I have two pandas dataframes:
df1 = pd.DataFrame({'col1': [1.2574, 5.3221, 4.3215, 9.8841], 'col2': ['a', 'b', 'c', 'd']})
df2 = pd.DataFrame({'col1': [4.326, 9.89, 5.326, 1.2654], 'col2': ['w', 'x', 'y', 'z']})
Now I want to compare the values in col1
of both dataframes.

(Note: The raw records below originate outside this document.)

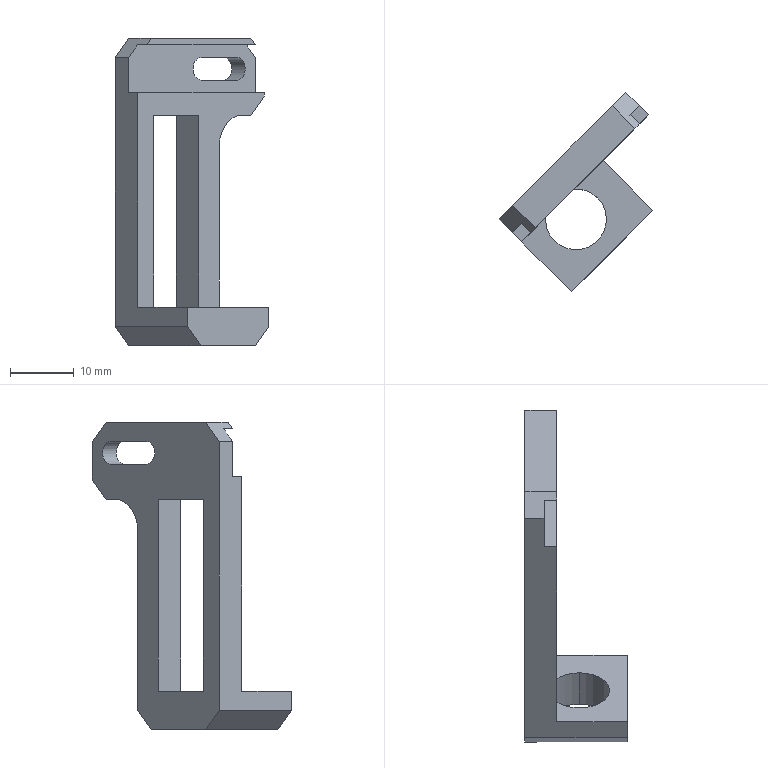Component | SolidWorks | InnerFineAdjustmentBlock-1 | 1 solid | 30 faces | box 24.04 x 31.11 x 48 mm | volume 3473 mm3 | plane 24 | cylinder 6 | commonest cylinder face diameters 3.5 x3 9.5 x2 10 x1
STEP:
#1=COLOUR_RGB('',0.7922,0.8196,0.9333);
#2=FILL_AREA_STYLE_COLOUR('',#1);
#3=FILL_AREA_STYLE('',(#2));
#4=SURFACE_STYLE_FILL_AREA(#3);
#5=SURFACE_SIDE_STYLE('',(#4));
#6=SURFACE_STYLE_USAGE(.BOTH.,#5);
#7=PRESENTATION_STYLE_ASSIGNMENT((#6));
#8=CARTESIAN_POINT('',(-6.312,5.308,0.5823));
#9=VERTEX_POINT('',#8);
#10=CARTESIAN_POINT('',(-6.263,5.357,0.6512));
#11=VERTEX_POINT('',#10);
#12=CARTESIAN_POINT('',(-6.263,5.357,0.5823));
#13=DIRECTION('',(-0.7071,0.7071,0.));
#14=DIRECTION('',(-0.7071,-0.7071,0.));
#15=AXIS2_PLACEMENT_3D('',#12,#13,#14);
#16=CIRCLE('',#15,0.0689);
#17=EDGE_CURVE('',#9,#11,#16,.T.);
#18=ORIENTED_EDGE('',*,*,#17,.F.);
#19=CARTESIAN_POINT('',(-6.395,5.391,0.5823));
#20=VERTEX_POINT('',#19);
#21=CARTESIAN_POINT('',(-5.95,4.946,0.5823));
#22=DIRECTION('',(-0.7071,0.7071,0.));
#23=VECTOR('',#22,39.37);
#24=LINE('',#21,#23);
#25=EDGE_CURVE('',#9,#20,#24,.T.);
#26=ORIENTED_EDGE('',*,*,#25,.T.);
#27=CARTESIAN_POINT('',(-6.347,5.44,0.6512));
#28=VERTEX_POINT('',#27);
#29=CARTESIAN_POINT('',(-6.347,5.44,0.5823));
#30=DIRECTION('',(-0.7071,0.7071,0.));
#31=DIRECTION('',(-0.7071,-0.7071,0.));
#32=AXIS2_PLACEMENT_3D('',#29,#30,#31);
#33=CIRCLE('',#32,0.0689);
#34=EDGE_CURVE('',#20,#28,#33,.T.);
#35=ORIENTED_EDGE('',*,*,#34,.T.);
#36=CARTESIAN_POINT('',(-5.901,4.995,0.6512));
#37=DIRECTION('',(0.7071,-0.7071,-0.));
#38=VECTOR('',#37,39.37);
#39=LINE('',#36,#38);
#40=EDGE_CURVE('',#28,#11,#39,.T.);
#41=ORIENTED_EDGE('',*,*,#40,.T.);
#42=EDGE_LOOP('',(#18,#26,#35,#41));
#43=FACE_OUTER_BOUND('',#42,.T.);
#44=CARTESIAN_POINT('',(-5.901,4.995,0.5823));
#45=DIRECTION('',(-0.7071,0.7071,0.));
#46=DIRECTION('',(-0.7071,-0.7071,0.));
#47=AXIS2_PLACEMENT_3D('',#44,#45,#46);
#48=CYLINDRICAL_SURFACE('',#47,0.0689);
#49=ADVANCED_FACE('',(#43),#48,.F.);
#50=CARTESIAN_POINT('',(-6.451,4.862,-0.8842));
#51=VERTEX_POINT('',#50);
#52=CARTESIAN_POINT('',(-6.187,5.127,-0.8842));
#53=VERTEX_POINT('',#52);
#54=CARTESIAN_POINT('',(-6.319,4.995,-0.8842));
#55=DIRECTION('',(0.,-0.,1.));
#56=DIRECTION('',(-0.7071,-0.7071,0.));
#57=AXIS2_PLACEMENT_3D('',#54,#55,#56);
#58=CIRCLE('',#57,0.187);
#59=EDGE_CURVE('',#51,#53,#58,.T.);
#60=ORIENTED_EDGE('',*,*,#59,.T.);
#61=CARTESIAN_POINT('',(-6.187,5.127,-1.12));
#62=VERTEX_POINT('',#61);
#63=CARTESIAN_POINT('',(-6.187,5.127,-0.7267));
#64=DIRECTION('',(-0.,0.,-1.));
#65=VECTOR('',#64,39.37);
#66=LINE('',#63,#65);
#67=EDGE_CURVE('',#53,#62,#66,.T.);
#68=ORIENTED_EDGE('',*,*,#67,.T.);
#69=CARTESIAN_POINT('',(-6.451,4.862,-1.12));
#70=VERTEX_POINT('',#69);
#71=CARTESIAN_POINT('',(-6.319,4.995,-1.12));
#72=DIRECTION('',(-0.,0.,-1.));
#73=DIRECTION('',(-0.7071,-0.7071,0.));
#74=AXIS2_PLACEMENT_3D('',#71,#72,#73);
#75=CIRCLE('',#74,0.187);
#76=EDGE_CURVE('',#62,#70,#75,.T.);
#77=ORIENTED_EDGE('',*,*,#76,.T.);
#78=CARTESIAN_POINT('',(-6.451,4.862,-0.7267));
#79=DIRECTION('',(-0.,0.,-1.));
#80=VECTOR('',#79,39.37);
#81=LINE('',#78,#80);
#82=EDGE_CURVE('',#51,#70,#81,.T.);
#83=ORIENTED_EDGE('',*,*,#82,.F.);
#84=EDGE_LOOP('',(#60,#68,#77,#83));
#85=FACE_OUTER_BOUND('',#84,.T.);
#86=CARTESIAN_POINT('',(-6.319,4.995,-0.7267));
#87=DIRECTION('',(-0.,0.,-1.));
#88=DIRECTION('',(-0.7071,-0.7071,0.));
#89=AXIS2_PLACEMENT_3D('',#86,#87,#88);
#90=CYLINDRICAL_SURFACE('',#89,0.187);
#91=ADVANCED_FACE('',(#85),#90,.F.);
#92=CARTESIAN_POINT('',(-6.375,5.412,-1.12));
#93=VERTEX_POINT('',#92);
#94=CARTESIAN_POINT('',(-6.291,5.496,-1.002));
#95=VERTEX_POINT('',#94);
#96=CARTESIAN_POINT('',(-6.375,5.412,-1.12));
#97=DIRECTION('',(0.5,0.5,0.7071));
#98=VECTOR('',#97,39.37);
#99=LINE('',#96,#98);
#100=EDGE_CURVE('',#93,#95,#99,.T.);
#101=ORIENTED_EDGE('',*,*,#100,.F.);
#102=CARTESIAN_POINT('',(-6.709,5.078,-1.12));
#103=VERTEX_POINT('',#102);
#104=CARTESIAN_POINT('',(-6.792,4.995,-1.12));
#105=DIRECTION('',(0.7071,0.7071,0.));
#106=VECTOR('',#105,39.37);
#107=LINE('',#104,#106);
#108=EDGE_CURVE('',#103,#93,#107,.T.);
#109=ORIENTED_EDGE('',*,*,#108,.F.);
#110=CARTESIAN_POINT('',(-6.792,4.995,-1.002));
#111=VERTEX_POINT('',#110);
#112=CARTESIAN_POINT('',(-6.792,4.995,-1.002));
#113=DIRECTION('',(0.5,0.5,-0.7071));
#114=VECTOR('',#113,39.37);
#115=LINE('',#112,#114);
#116=EDGE_CURVE('',#111,#103,#115,.T.);
#117=ORIENTED_EDGE('',*,*,#116,.F.);
#118=CARTESIAN_POINT('',(-6.792,4.995,0.6512));
#119=VERTEX_POINT('',#118);
#120=CARTESIAN_POINT('',(-6.792,4.995,-1.12));
#121=DIRECTION('',(-0.,0.,-1.));
#122=VECTOR('',#121,39.37);
#123=LINE('',#120,#122);
#124=EDGE_CURVE('',#119,#111,#123,.T.);
#125=ORIENTED_EDGE('',*,*,#124,.F.);
#126=CARTESIAN_POINT('',(-6.709,5.078,0.7693));
#127=VERTEX_POINT('',#126);
#128=CARTESIAN_POINT('',(-6.709,5.078,0.7693));
#129=DIRECTION('',(-0.5,-0.5,-0.7071));
#130=VECTOR('',#129,39.37);
#131=LINE('',#128,#130);
#132=EDGE_CURVE('',#127,#119,#131,.T.);
#133=ORIENTED_EDGE('',*,*,#132,.F.);
#134=CARTESIAN_POINT('',(-6.096,5.691,0.7693));
#135=VERTEX_POINT('',#134);
#136=CARTESIAN_POINT('',(-6.792,4.995,0.7693));
#137=DIRECTION('',(-0.7071,-0.7071,-0.));
#138=VECTOR('',#137,39.37);
#139=LINE('',#136,#138);
#140=EDGE_CURVE('',#135,#127,#139,.T.);
#141=ORIENTED_EDGE('',*,*,#140,.F.);
#142=CARTESIAN_POINT('',(-6.013,5.774,0.6512));
#143=VERTEX_POINT('',#142);
#144=CARTESIAN_POINT('',(-6.013,5.774,0.6512));
#145=DIRECTION('',(-0.5,-0.5,0.7071));
#146=VECTOR('',#145,39.37);
#147=LINE('',#144,#146);
#148=EDGE_CURVE('',#143,#135,#147,.T.);
#149=ORIENTED_EDGE('',*,*,#148,.F.);
#150=CARTESIAN_POINT('',(-6.013,5.774,0.415));
#151=VERTEX_POINT('',#150);
#152=CARTESIAN_POINT('',(-6.013,5.774,-1.12));
#153=DIRECTION('',(0.,-0.,1.));
#154=VECTOR('',#153,39.37);
#155=LINE('',#152,#154);
#156=EDGE_CURVE('',#151,#143,#155,.T.);
#157=ORIENTED_EDGE('',*,*,#156,.F.);
#158=CARTESIAN_POINT('',(-6.096,5.691,0.2969));
#159=VERTEX_POINT('',#158);
#160=CARTESIAN_POINT('',(-6.096,5.691,0.2969));
#161=DIRECTION('',(0.5,0.5,0.7071));
#162=VECTOR('',#161,39.37);
#163=LINE('',#160,#162);
#164=EDGE_CURVE('',#159,#151,#163,.T.);
#165=ORIENTED_EDGE('',*,*,#164,.F.);
#166=CARTESIAN_POINT('',(-6.152,5.635,0.2969));
#167=VERTEX_POINT('',#166);
#168=CARTESIAN_POINT('',(-6.792,4.995,0.2969));
#169=DIRECTION('',(0.7071,0.7071,0.));
#170=VECTOR('',#169,39.37);
#171=LINE('',#168,#170);
#172=EDGE_CURVE('',#167,#159,#171,.T.);
#173=ORIENTED_EDGE('',*,*,#172,.F.);
#174=CARTESIAN_POINT('',(-6.291,5.496,0.1));
#175=VERTEX_POINT('',#174);
#176=CARTESIAN_POINT('',(-6.152,5.635,0.1));
#177=DIRECTION('',(-0.7071,0.7071,0.));
#178=DIRECTION('',(0.7071,0.7071,0.));
#179=AXIS2_PLACEMENT_3D('',#176,#177,#178);
#180=CIRCLE('',#179,0.1969);
#181=EDGE_CURVE('',#175,#167,#180,.T.);
#182=ORIENTED_EDGE('',*,*,#181,.F.);
#183=CARTESIAN_POINT('',(-6.291,5.496,-1.12));
#184=DIRECTION('',(0.,-0.,1.));
#185=VECTOR('',#184,39.37);
#186=LINE('',#183,#185);
#187=EDGE_CURVE('',#95,#175,#186,.T.);
#188=ORIENTED_EDGE('',*,*,#187,.F.);
#189=EDGE_LOOP('',(#101,#109,#117,#125,#133,#141,#149,#157,#165,#173,#182,#188));
#190=FACE_OUTER_BOUND('',#189,.T.);
#191=CARTESIAN_POINT('',(-6.416,5.371,-0.8842));
#192=VERTEX_POINT('',#191);
#193=CARTESIAN_POINT('',(-6.695,5.092,-0.8842));
#194=VERTEX_POINT('',#193);
#195=CARTESIAN_POINT('',(-6.792,4.995,-0.8842));
#196=DIRECTION('',(-0.7071,-0.7071,-0.));
#197=VECTOR('',#196,39.37);
#198=LINE('',#195,#197);
#199=EDGE_CURVE('',#192,#194,#198,.T.);
#200=ORIENTED_EDGE('',*,*,#199,.F.);
#201=CARTESIAN_POINT('',(-6.416,5.371,0.2969));
#202=VERTEX_POINT('',#201);
#203=CARTESIAN_POINT('',(-6.416,5.371,-1.12));
#204=DIRECTION('',(-0.,0.,-1.));
#205=VECTOR('',#204,39.37);
#206=LINE('',#203,#205);
#207=EDGE_CURVE('',#202,#192,#206,.T.);
#208=ORIENTED_EDGE('',*,*,#207,.F.);
#209=CARTESIAN_POINT('',(-6.695,5.092,0.2969));
#210=VERTEX_POINT('',#209);
#211=CARTESIAN_POINT('',(-6.792,4.995,0.2969));
#212=DIRECTION('',(0.7071,0.7071,0.));
#213=VECTOR('',#212,39.37);
#214=LINE('',#211,#213);
#215=EDGE_CURVE('',#210,#202,#214,.T.);
#216=ORIENTED_EDGE('',*,*,#215,.F.);
#217=CARTESIAN_POINT('',(-6.695,5.092,-1.12));
#218=DIRECTION('',(0.,-0.,1.));
#219=VECTOR('',#218,39.37);
#220=LINE('',#217,#219);
#221=EDGE_CURVE('',#194,#210,#220,.T.);
#222=ORIENTED_EDGE('',*,*,#221,.F.);
#223=EDGE_LOOP('',(#200,#208,#216,#222));
#224=FACE_BOUND('',#223,.T.);
#225=CARTESIAN_POINT('',(-6.124,5.663,0.6512));
#226=VERTEX_POINT('',#225);
#227=CARTESIAN_POINT('',(-6.124,5.663,0.5134));
#228=VERTEX_POINT('',#227);
#229=CARTESIAN_POINT('',(-6.124,5.663,0.5823));
#230=DIRECTION('',(-0.7071,0.7071,0.));
#231=DIRECTION('',(-0.7071,-0.7071,0.));
#232=AXIS2_PLACEMENT_3D('',#229,#230,#231);
#233=CIRCLE('',#232,0.0689);
#234=EDGE_CURVE('',#226,#228,#233,.T.);
#235=ORIENTED_EDGE('',*,*,#234,.F.);
#236=CARTESIAN_POINT('',(-6.792,4.995,0.6512));
#237=DIRECTION('',(0.7071,0.7071,0.));
#238=VECTOR('',#237,39.37);
#239=LINE('',#236,#238);
#240=EDGE_CURVE('',#28,#226,#239,.T.);
#241=ORIENTED_EDGE('',*,*,#240,.F.);
#242=ORIENTED_EDGE('',*,*,#34,.F.);
#243=CARTESIAN_POINT('',(-6.347,5.44,0.5134));
#244=VERTEX_POINT('',#243);
#245=CARTESIAN_POINT('',(-6.347,5.44,0.5823));
#246=DIRECTION('',(-0.7071,0.7071,0.));
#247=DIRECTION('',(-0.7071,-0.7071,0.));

Consider 5.3221
from df1
, I want to check if this value exists in df2['col1']
with an error of 0.005
(in this very example 5.326
from df2['col1']
should be considered equal to 5.3221
) and make a third dataframe to hold both columns from df1
and df2
where the above said condition is true.
The expected output is:
col1 col2 col1.1 col2.2
0 5.3221 b 5.236 y
1 4.3215 c 4.326 w
I have defined a function which is able to take care of the error condition:
def close(a, b, e=0.005):
return round(abs(a - b), 3) <= e
But I don't know how to apply this on the data without using a for
loop. I also know that I can use numpy.intersect1d
but I can not figure out how.
Any help would be appreciated :)
EDIT: The suggested duplicate answer doesn't address my problem. That question just works on combining two dataframes based on similar looking indices. Also difflib
is used to find word matches and not integer. My scenario is completely different.